TD warns against moves to legalise euthanasia
Limerick West TD Dan Neville predicted yesterday that the Courts were likely soon to face a test case involving a call to adjudicate on a request by a person to take their own life.
Mr Neville, who is also president of the Irish Association of Suicidology, said judges could also expect to be asked to exempt anyone who helped to end that life from prosecution. “The increased control over biological life due to improvement in medical treatment makes this situation inevitable.”
He pointed out that international opinion on the issue of euthanasia in cases involving people with serious physical illness had become more liberal in recent years. It was inevitable that pressure would come to change existing laws under which a person found guilty of assisting a suicide could face a jail sentence of up to 14 years.
His comments come after a study due to be published next week claims the true extent of suicide is over 100 more than the official figure of 409 deaths by suicide recorded in 2006.
The Fine Gael deputy health spokesperson said the main reason to oppose euthanasia was the danger of the issue becoming a slippery slope where the boundaries of what is considered lawful killing become ever wider.
Mr Neville claimed such a scenario had already happened in the Netherlands where euthanasia had been decriminalised and assisted suicide was lawful in certain restricted circumstances, even involving children.
He cited a recent Dutch legal case in which a physically fit 50-year-old woman with no mental or physical disorder wanted to take her own life following her divorce from an abusive husband and the death of her two children.

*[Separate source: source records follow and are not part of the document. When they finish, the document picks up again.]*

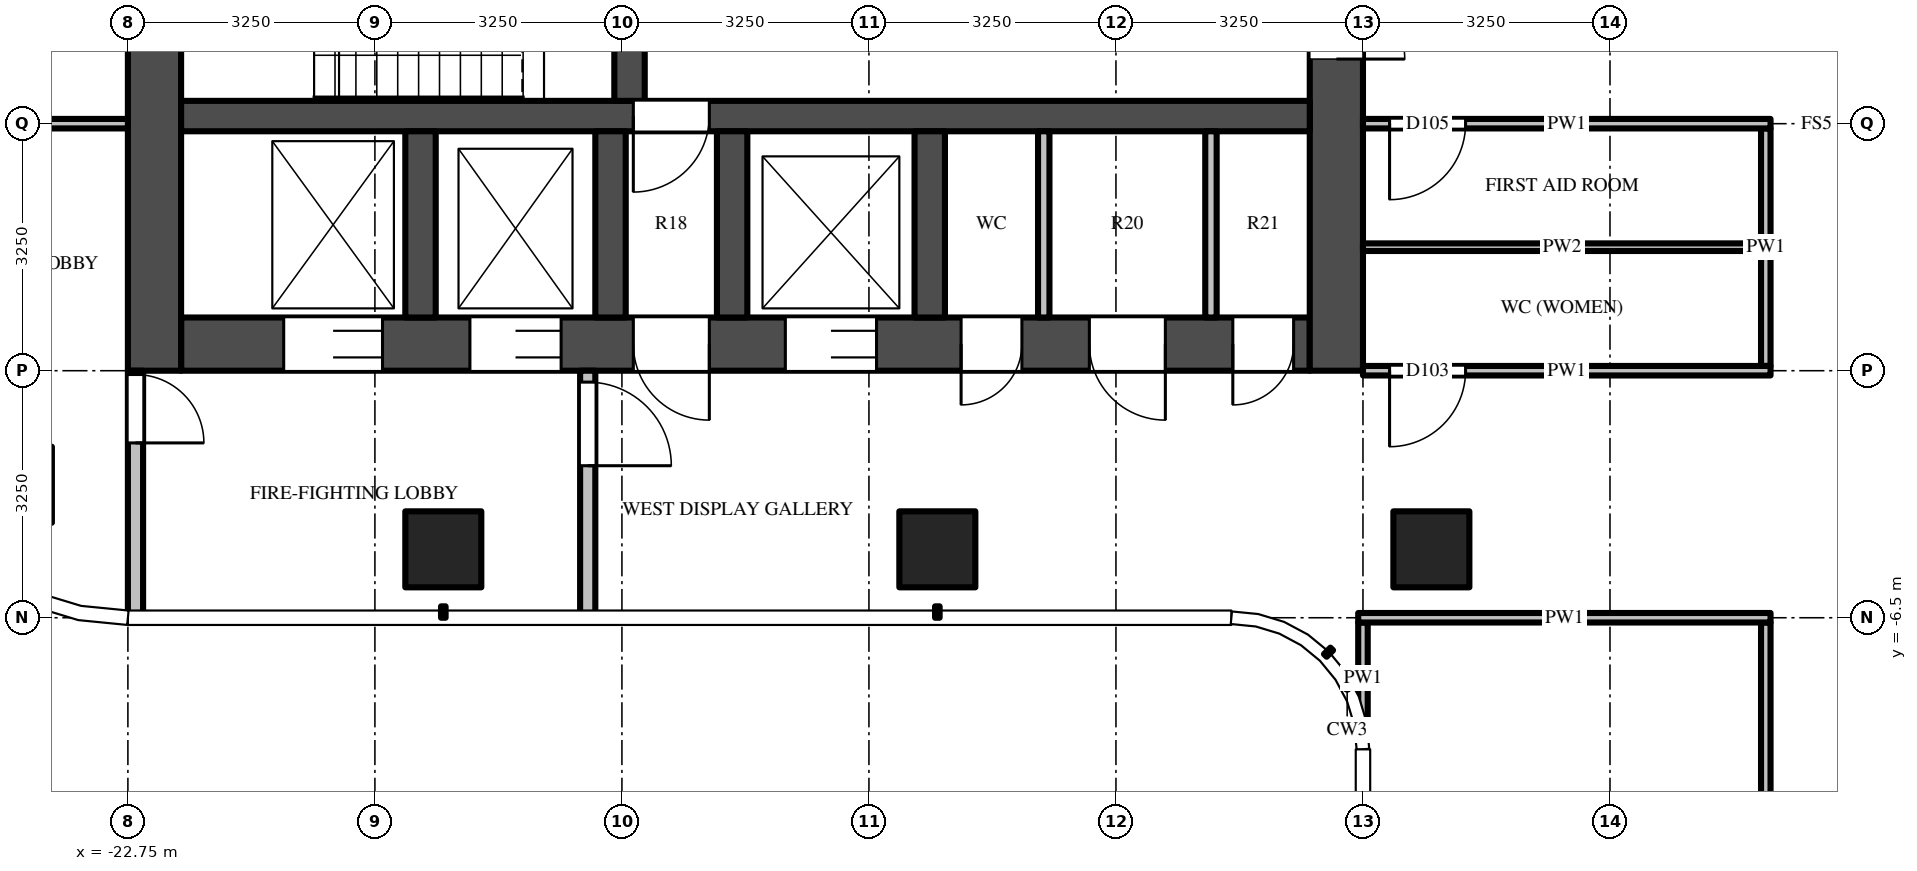
"""IFC4 building model, lengths in metres.
Left out: names, types, materials, properties, quantities, classifications, styles, units other than length and angle.
Written with IfcOpenShell. Run it as: python <this file> out.ifc"""

import sys

from ifc_helpers import new_model, si_unit, direction, frame, frame_2d, origin, origin_2d, place, context, subcontext, project, spatial, rectangle, extrude, source, transform, mapped, element, fill, save


model = new_model("IFC4")
c1 = context("Model", 3, precision=1e-05, world=origin(), true_north=direction((0.0, 1.0)))
c2 = subcontext(c1, "Body", "Model", "MODEL_VIEW")
j1 = project(units=[si_unit("LENGTHUNIT", "METRE"), si_unit("PLANEANGLEUNIT", "RADIAN")], contexts=[c1])
p1 = place(None, origin())
s1 = spatial("IfcSite", under=j1, at=p1, CompositionType="ELEMENT")
p2 = place(p1, origin())
s2 = spatial("IfcBuilding", under=s1, at=p2, CompositionType="ELEMENT")
p3 = place(p2, frame((0.0, 0.0, 298.9)))
s3 = spatial("IfcBuildingStorey", under=s2, at=p3, CompositionType="ELEMENT", Elevation=298.9)
m1 = source(origin(), c2, "Body", "SweptSolid", [
    extrude(rectangle(XDim=1.0, YDim=1.0, at=origin_2d()), origin(), (0.0, 0.0, 1.0), 3.9),
])
for number, where, z_axis, x_axis in (
    (1, (-5.6, -5.6, 0.0), (0.0, 0.0, 1.0), (1.0, 0.0, 0.0)),
    (2, (-12.1, -5.6, 0.0), (0.0, 0.0, 1.0), (1.0, 0.0, 0.0)),
    (3, (-18.6, -5.6, 0.0), (0.0, 0.0, 1.0), (1.0, 0.0, 0.0)),
):
    element("IfcColumn", number, at=place(p3, frame(where, z_axis=z_axis, x_axis=x_axis)), inside=s3, PredefinedType="COLUMN", context=c2, shape_type="MappedRepresentation", body=[
        mapped(m1, transform((0.0, 0.0, 0.0))),
    ])
m2 = source(origin(), c2, "Body", "SweptSolid", [
    extrude(rectangle(XDim=14.85, YDim=0.7, at=frame_2d((7.425, 0.0))), origin(), (0.0, 0.0, 1.0), 3.7),
])
p4 = place(p3, frame((-7.2, -2.9, 0.0), z_axis=(0.0, 0.0, 1.0), x_axis=(-1.0, 0.0, 0.0)))
e4 = element("IfcWall", 4, at=p4, inside=s3, PredefinedType="SHEAR", context=c2, shape_type="MappedRepresentation", body=[
    mapped(m2, transform((0.0, 0.0, 0.0))),
])
m3 = source(origin(), c2, "Body", "SweptSolid", [
    extrude(rectangle(XDim=1.2, YDim=2.1, at=frame_2d((0.6, 1.05))), frame((0.0, 0.36, 0.0), z_axis=(0.0, -1.0, 0.0), x_axis=(1.0, 0.0, 0.0)), (0.0, 0.0, 1.0), 0.72),
])
p5 = place(p4, frame((5.7, 0.0, 0.0)))
e5 = element("IfcOpeningElement", 5, at=p5, cuts=e4, PredefinedType="OPENING", context=c2, shape_type="MappedRepresentation", body=[
    mapped(m3, transform((0.0, 0.0, 0.0))),
])
m4 = source(origin(), c2, "Body", "SweptSolid", [
    extrude(rectangle(XDim=1.3, YDim=2.1, at=frame_2d((0.65, 1.05))), frame((0.0, 0.36, 0.0), z_axis=(0.0, -1.0, 0.0), x_axis=(1.0, 0.0, 0.0)), (0.0, 0.0, 1.0), 0.72),
])
p6 = place(p4, frame((12.2, 0.0, 0.0)))
e6 = element("IfcOpeningElement", 6, at=p6, cuts=e4, PredefinedType="OPENING", context=c2, shape_type="MappedRepresentation", body=[
    mapped(m4, transform((0.0, 0.0, 0.0))),
])
p7 = place(p4, frame((9.85, 0.0, 0.0)))
e7 = element("IfcOpeningElement", 7, at=p7, cuts=e4, PredefinedType="OPENING", context=c2, shape_type="MappedRepresentation", body=[
    mapped(m3, transform((0.0, 0.0, 0.0))),
])
m5 = source(origin(), c2, "Body", "SweptSolid", [
    extrude(rectangle(XDim=1.0, YDim=2.1, at=frame_2d((0.5, 1.05))), frame((0.0, 0.36, 0.0), z_axis=(0.0, -1.0, 0.0), x_axis=(1.0, 0.0, 0.0)), (0.0, 0.0, 1.0), 0.72),
])
p8 = place(p4, frame((7.9, 0.0, 0.0)))
e8 = element("IfcOpeningElement", 8, at=p8, cuts=e4, PredefinedType="OPENING", context=c2, shape_type="MappedRepresentation", body=[
    mapped(m5, transform((0.0, 0.0, 0.0))),
])
m6 = source(origin(), c2, "Body", "SweptSolid", [
    extrude(rectangle(XDim=0.8, YDim=2.1, at=frame_2d((0.4, 1.05))), frame((0.0, 0.36, 0.0), z_axis=(0.0, -1.0, 0.0), x_axis=(1.0, 0.0, 0.0)), (0.0, 0.0, 1.0), 0.72),
])
p9 = place(p4, frame((0.212, 0.0, 0.0)))
e9 = element("IfcOpeningElement", 9, at=p9, cuts=e4, PredefinedType="OPENING", context=c2, shape_type="MappedRepresentation", body=[
    mapped(m6, transform((0.0, 0.0, 0.0))),
])
p10 = place(p4, frame((1.9, 0.0, 0.0)))
e10 = element("IfcOpeningElement", 10, at=p10, cuts=e4, PredefinedType="OPENING", context=c2, shape_type="MappedRepresentation", body=[
    mapped(m5, transform((0.0, 0.0, 0.0))),
])
p11 = place(p4, frame((3.788, 0.0, 0.0)))
e11 = element("IfcOpeningElement", 11, at=p11, cuts=e4, PredefinedType="OPENING", context=c2, shape_type="MappedRepresentation", body=[
    mapped(m6, transform((0.0, 0.0, 0.0))),
])
m7 = source(origin(), c2, "Body", "SweptSolid", [
    extrude(rectangle(XDim=9.05, YDim=0.7, at=frame_2d((4.525, 0.0))), origin(), (0.0, 0.0, 1.0), 3.7),
])
p12 = place(p3, frame((-6.85, 5.8, 0.0), z_axis=(0.0, 0.0, 1.0), x_axis=(0.0, -1.0, 0.0)))
e12 = element("IfcWall", 12, at=p12, inside=s3, PredefinedType="SHEAR", context=c2, shape_type="MappedRepresentation", body=[
    mapped(m7, transform((0.0, 0.0, 0.0))),
])
m8 = source(origin(), c2, "Body", "SweptSolid", [
    extrude(rectangle(XDim=1.8, YDim=2.1, at=frame_2d((0.9, 1.05))), frame((0.0, 0.36, 0.0), z_axis=(0.0, -1.0, 0.0), x_axis=(1.0, 0.0, 0.0)), (0.0, 0.0, 1.0), 0.72),
])
p13 = place(p12, frame((3.15, 0.0, 0.0)))
e13 = element("IfcOpeningElement", 13, at=p13, cuts=e12, PredefinedType="OPENING", context=c2, shape_type="MappedRepresentation", body=[
    mapped(m8, transform((0.0, 0.0, 0.0))),
])
p14 = place(p3, frame((-22.4, 5.8, 0.0), z_axis=(0.0, 0.0, 1.0), x_axis=(0.0, -1.0, 0.0)))
e14 = element("IfcWall", 14, at=p14, inside=s3, PredefinedType="SHEAR", context=c2, shape_type="MappedRepresentation", body=[
    mapped(m7, transform((0.0, 0.0, 0.0))),
])
m9 = source(origin(), c2, "Body", "SweptSolid", [
    extrude(rectangle(XDim=14.85, YDim=0.4, at=frame_2d((7.425, 0.0))), origin(), (0.0, 0.0, 1.0), 3.7),
])
p15 = place(p3, frame((-7.2, 0.1, 0.0), z_axis=(0.0, 0.0, 1.0), x_axis=(-1.0, 0.0, 0.0)))
e15 = element("IfcWall", 15, at=p15, inside=s3, PredefinedType="SHEAR", context=c2, shape_type="MappedRepresentation", body=[
    mapped(m9, transform((0.0, 0.0, 0.0))),
])
m10 = source(origin(), c2, "Body", "SweptSolid", [
    extrude(rectangle(XDim=1.0, YDim=2.1, at=frame_2d((0.5, 1.05))), frame((0.0, 0.21, 0.0), z_axis=(0.0, -1.0, 0.0), x_axis=(1.0, 0.0, 0.0)), (0.0, 0.0, 1.0), 0.42),
])
p16 = place(p15, frame((7.9, 0.0, 0.0)))
e16 = element("IfcOpeningElement", 16, at=p16, cuts=e15, PredefinedType="OPENING", context=c2, shape_type="MappedRepresentation", body=[
    mapped(m10, transform((0.0, 0.0, 0.0))),
])
m11 = source(origin(), c2, "Body", "SweptSolid", [
    extrude(rectangle(XDim=5.5, YDim=0.4, at=frame_2d((2.75, 0.0))), origin(), (0.0, 0.0, 1.0), 3.7),
])
p17 = place(p3, frame((-16.15, 5.8, 0.0), z_axis=(0.0, 0.0, 1.0), x_axis=(0.0, -1.0, 0.0)))
e17 = element("IfcWall", 17, at=p17, inside=s3, PredefinedType="SHEAR", context=c2, shape_type="MappedRepresentation", body=[
    mapped(m11, transform((0.0, 0.0, 0.0))),
])
m12 = source(origin(), c2, "Body", "SweptSolid", [
    extrude(rectangle(XDim=1.1, YDim=2.1, at=frame_2d((0.55, 1.05))), frame((0.0, 0.21, 0.0), z_axis=(0.0, -1.0, 0.0), x_axis=(1.0, 0.0, 0.0)), (0.0, 0.0, 1.0), 0.42),
])
p18 = place(p17, frame((0.725, 0.0, 0.0)))
e18 = element("IfcOpeningElement", 18, at=p18, cuts=e17, PredefinedType="OPENING", context=c2, shape_type="MappedRepresentation", body=[
    mapped(m12, transform((0.0, 0.0, 0.0))),
])
p19 = place(p17, frame((3.675, 0.0, 0.0)))
e19 = element("IfcOpeningElement", 19, at=p19, cuts=e17, PredefinedType="OPENING", context=c2, shape_type="MappedRepresentation", body=[
    mapped(m12, transform((0.0, 0.0, 0.0))),
])
m13 = source(origin(), c2, "Body", "SweptSolid", [
    extrude(rectangle(XDim=2.45, YDim=0.4, at=frame_2d((1.225, 0.0))), origin(), (0.0, 0.0, 1.0), 3.7),
])
for number, where, z_axis, x_axis in (
    (20, (-12.2, -0.1, 0.0), (0.0, 0.0, 1.0), (0.0, -1.0, 0.0)),
    (21, (-14.8, -0.1, 0.0), (0.0, 0.0, 1.0), (0.0, -1.0, 0.0)),
    (22, (-16.4, -0.1, 0.0), (0.0, 0.0, 1.0), (0.0, -1.0, 0.0)),
    (23, (-18.9, -0.1, 0.0), (0.0, 0.0, 1.0), (0.0, -1.0, 0.0)),
):
    element("IfcWall", number, at=place(p3, frame(where, z_axis=z_axis, x_axis=x_axis)), inside=s3, PredefinedType="SHEAR", context=c2, shape_type="MappedRepresentation", body=[
        mapped(m13, transform((0.0, 0.0, 0.0))),
    ])
m14 = source(origin(), c2, "Body", "SweptSolid", [
    extrude(rectangle(XDim=3.25, YDim=0.2, at=frame_2d((1.625, 0.0))), origin(), (0.0, 0.0, 1.0), 3.7),
])
p20 = place(p3, frame((-16.7, -3.25, 0.0), z_axis=(0.0, 0.0, 1.0), x_axis=(0.0, -1.0, 0.0)))
e24 = element("IfcWall", 24, at=p20, inside=s3, PredefinedType="PARTITIONING", context=c2, shape_type="MappedRepresentation", body=[
    mapped(m14, transform((0.0, 0.0, 0.0))),
])
m15 = source(origin(), c2, "Body", "SweptSolid", [
    extrude(rectangle(XDim=1.1, YDim=2.1, at=frame_2d((0.55, 1.05))), frame((0.0, 0.11, 0.0), z_axis=(0.0, -1.0, 0.0), x_axis=(1.0, 0.0, 0.0)), (0.0, 0.0, 1.0), 0.22),
])
p21 = place(p20, frame((0.15, 0.0, 0.0)))
e25 = element("IfcOpeningElement", 25, at=p21, cuts=e24, PredefinedType="OPENING", context=c2, shape_type="MappedRepresentation", body=[
    mapped(m15, transform((0.0, 0.0, 0.0))),
])
p22 = place(p3, frame((-22.65, -3.25, 0.0), z_axis=(0.0, 0.0, 1.0), x_axis=(0.0, -1.0, 0.0)))
e26 = element("IfcWall", 26, at=p22, inside=s3, PredefinedType="PARTITIONING", context=c2, shape_type="MappedRepresentation", body=[
    mapped(m14, transform((0.0, 0.0, 0.0))),
])
m16 = source(origin(), c2, "Body", "SweptSolid", [
    extrude(rectangle(XDim=0.9, YDim=2.1, at=frame_2d((0.45, 1.05))), frame((0.0, 0.11, 0.0), z_axis=(0.0, -1.0, 0.0), x_axis=(1.0, 0.0, 0.0)), (0.0, 0.0, 1.0), 0.22),
])
p23 = place(p22, frame((0.05, 0.0, 0.0)))
e27 = element("IfcOpeningElement", 27, at=p23, cuts=e26, PredefinedType="OPENING", context=c2, shape_type="MappedRepresentation", body=[
    mapped(m16, transform((0.0, 0.0, 0.0))),
])
m17 = source(origin(), c2, "Body", "SweptSolid", [
    extrude(rectangle(XDim=2.45, YDim=0.15, at=frame_2d((1.225, 0.0))), origin(), (0.0, 0.0, 1.0), 3.7),
])
for number, where, z_axis, x_axis in (
    (28, (-8.5, -0.1, 0.0), (0.0, 0.0, 1.0), (0.0, -1.0, 0.0)),
    (29, (-10.7, -0.1, 0.0), (0.0, 0.0, 1.0), (0.0, -1.0, 0.0)),
):
    element("IfcWall", number, at=place(p3, frame(where, z_axis=z_axis, x_axis=x_axis)), inside=s3, PredefinedType="PARTITIONING", context=c2, shape_type="MappedRepresentation", body=[
        mapped(m17, transform((0.0, 0.0, 0.0))),
    ])
m18 = source(origin(), c2, "Body", "SweptSolid", [
    extrude(rectangle(XDim=1.469, YDim=0.125, at=frame_2d((0.734, 0.0))), origin(), (0.0, 0.0, 1.0), 3.7),
])
p24 = place(p3, frame((-6.5, -6.562, 0.0), z_axis=(0.0, 0.0, 1.0), x_axis=(0.0, -1.0, 0.0)))
e30 = element("IfcWall", 30, at=p24, inside=s3, PredefinedType="PARTITIONING", context=c2, shape_type="MappedRepresentation", body=[
    mapped(m18, transform((0.0, 0.0, 0.0))),
])
m19 = source(origin(), c2, "Body", "SweptSolid", [
    extrude(rectangle(XDim=5.475, YDim=0.125, at=frame_2d((2.738, 0.0))), origin(), (0.0, 0.0, 1.0), 2.997),
])
p25 = place(p3, frame((-1.2, -6.562, 0.0), z_axis=(0.0, 0.0, 1.0), x_axis=(0.0, -1.0, 0.0)))
e31 = element("IfcWall", 31, at=p25, inside=s3, PredefinedType="PARTITIONING", context=c2, shape_type="MappedRepresentation", body=[
    mapped(m19, transform((0.0, 0.0, 0.0))),
])
m20 = source(origin(), c2, "Body", "SweptSolid", [
    extrude(rectangle(XDim=1.2, YDim=2.1, at=frame_2d((0.6, 1.05))), frame((0.0, 0.073, 0.0), z_axis=(0.0, -1.0, 0.0), x_axis=(1.0, 0.0, 0.0)), (0.0, 0.0, 1.0), 0.145),
])
p26 = place(p25, frame((3.988, 0.0, 0.0)))
e32 = element("IfcOpeningElement", 32, at=p26, cuts=e31, PredefinedType="OPENING", context=c2, shape_type="MappedRepresentation", body=[
    mapped(m20, transform((0.0, 0.0, 0.0))),
])
m21 = source(origin(), c2, "Body", "SweptSolid", [
    extrude(rectangle(XDim=3.125, YDim=0.125, at=frame_2d((1.562, 0.0))), origin(), (0.0, 0.0, 1.0), 3.068),
])
p27 = place(p3, frame((-1.2, -0.062, 0.0), z_axis=(0.0, 0.0, 1.0), x_axis=(0.0, -1.0, 0.0)))
e33 = element("IfcWall", 33, at=p27, inside=s3, PredefinedType="PARTITIONING", context=c2, shape_type="MappedRepresentation", body=[
    mapped(m21, transform((0.0, 0.0, 0.0))),
])
m22 = source(origin(), c2, "Body", "SweptSolid", [
    extrude(rectangle(XDim=5.425, YDim=0.125, at=frame_2d((2.712, 0.0))), origin(), (0.0, 0.0, 1.0), 2.78),
])
p28 = place(p3, frame((-1.137, -6.5, 0.0), z_axis=(0.0, 0.0, 1.0), x_axis=(-1.0, 0.0, 0.0)))
e34 = element("IfcWall", 34, at=p28, inside=s3, PredefinedType="PARTITIONING", context=c2, shape_type="MappedRepresentation", body=[
    mapped(m22, transform((0.0, 0.0, 0.0))),
])
m23 = source(origin(), c2, "Body", "SweptSolid", [
    extrude(rectangle(XDim=5.363, YDim=0.125, at=frame_2d((2.681, 0.0))), origin(), (0.0, 0.0, 1.0), 2.997),
])
p29 = place(p3, frame((-1.137, -3.25, 0.0), z_axis=(0.0, 0.0, 1.0), x_axis=(-1.0, 0.0, 0.0)))
e35 = element("IfcWall", 35, at=p29, inside=s3, PredefinedType="PARTITIONING", context=c2, shape_type="MappedRepresentation", body=[
    mapped(m23, transform((0.0, 0.0, 0.0))),
])
m24 = source(origin(), c2, "Body", "SweptSolid", [
    extrude(rectangle(XDim=1.0, YDim=2.1, at=frame_2d((0.5, 1.05))), frame((0.0, 0.073, 0.0), z_axis=(0.0, -1.0, 0.0), x_axis=(1.0, 0.0, 0.0)), (0.0, 0.0, 1.0), 0.145),
])
p30 = place(p29, frame((4.012, 0.0, 0.0)))
e36 = element("IfcOpeningElement", 36, at=p30, cuts=e35, PredefinedType="OPENING", context=c2, shape_type="MappedRepresentation", body=[
    mapped(m24, transform((0.0, 0.0, 0.0))),
])
m25 = source(origin(), c2, "Body", "SweptSolid", [
    extrude(rectangle(XDim=5.238, YDim=0.1, at=frame_2d((2.619, 0.0))), origin(), (0.0, 0.0, 1.0), 2.997),
])
p31 = place(p3, frame((-6.5, -1.625, 0.0), z_axis=(0.0, 0.0, 1.0), x_axis=(1.0, 0.0, 0.0)))
e37 = element("IfcWall", 37, at=p31, inside=s3, PredefinedType="PARTITIONING", context=c2, shape_type="MappedRepresentation", body=[
    mapped(m25, transform((0.0, 0.0, 0.0))),
])
p32 = place(p3, frame((-1.137, 0.0, 0.0), z_axis=(0.0, 0.0, 1.0), x_axis=(-1.0, 0.0, 0.0)))
e38 = element("IfcWall", 38, at=p32, inside=s3, PredefinedType="PARTITIONING", context=c2, shape_type="MappedRepresentation", body=[
    mapped(m23, transform((0.0, 0.0, 0.0))),
])
p33 = place(p32, frame((4.012, 0.0, 0.0)))
e39 = element("IfcOpeningElement", 39, at=p33, cuts=e38, PredefinedType="OPENING", context=c2, shape_type="MappedRepresentation", body=[
    mapped(m24, transform((0.0, 0.0, 0.0))),
])
m26 = source(origin(), c2, "Body", "SweptSolid", [
    extrude(rectangle(XDim=3.05, YDim=0.125, at=frame_2d((1.525, 0.0))), origin(), (0.0, 0.0, 1.0), 2.78),
])
p34 = place(p3, frame((-25.8, 0.0, 0.0), z_axis=(0.0, 0.0, 1.0), x_axis=(1.0, 0.0, 0.0)))
e40 = element("IfcWall", 40, at=p34, inside=s3, PredefinedType="PARTITIONING", context=c2, shape_type="MappedRepresentation", body=[
    mapped(m26, transform((0.0, 0.0, 0.0))),
])
p35 = place(p34, frame((0.15, 0.0, 0.0)))
e41 = element("IfcOpeningElement", 41, at=p35, cuts=e40, PredefinedType="OPENING", context=c2, shape_type="MappedRepresentation", body=[
    mapped(m24, transform((0.0, 0.0, 0.0))),
])
m27 = source(origin(), c2, "Body", "SweptSolid", [
    extrude(rectangle(XDim=1.2, YDim=2.1, at=frame_2d((0.6, 1.05))), frame((0.0, -0.275, 0.0), z_axis=(0.0, -1.0, 0.0), x_axis=(1.0, 0.0, 0.0)), (0.0, 0.0, 1.0), 0.05),
])
p36 = place(p5, origin())
e42 = element("IfcDoor", 42, at=p36, inside=s3, OperationType="DOUBLE_DOOR_SLIDING", PredefinedType="DOOR", context=c2, shape_type="MappedRepresentation", body=[
    mapped(m27, transform((0.0, 0.0, 0.0))),
])
fill(e5, e42)
m28 = source(origin(), c2, "Body", "SweptSolid", [
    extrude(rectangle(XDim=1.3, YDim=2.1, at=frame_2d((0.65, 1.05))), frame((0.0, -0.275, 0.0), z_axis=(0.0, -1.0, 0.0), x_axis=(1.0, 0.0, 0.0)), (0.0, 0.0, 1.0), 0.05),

The doctor who assisted her to die was found guilty of unlawful assisted suicide by the Dutch Supreme Court having earlier been found not guilty of the offence by lower courts on the basis that none of the other doctors whom he had consulted, as required by law, had personally seen or examined the woman.
However, Mr Neville said the ruling set a precedent that a person does not need to be terminally ill for euthanasia to be permissible.
“There is a blurring between voluntary and involuntary euthanasia. It is possible that the elderly (especially those who are elderly and rich) become dispensable,” he warned.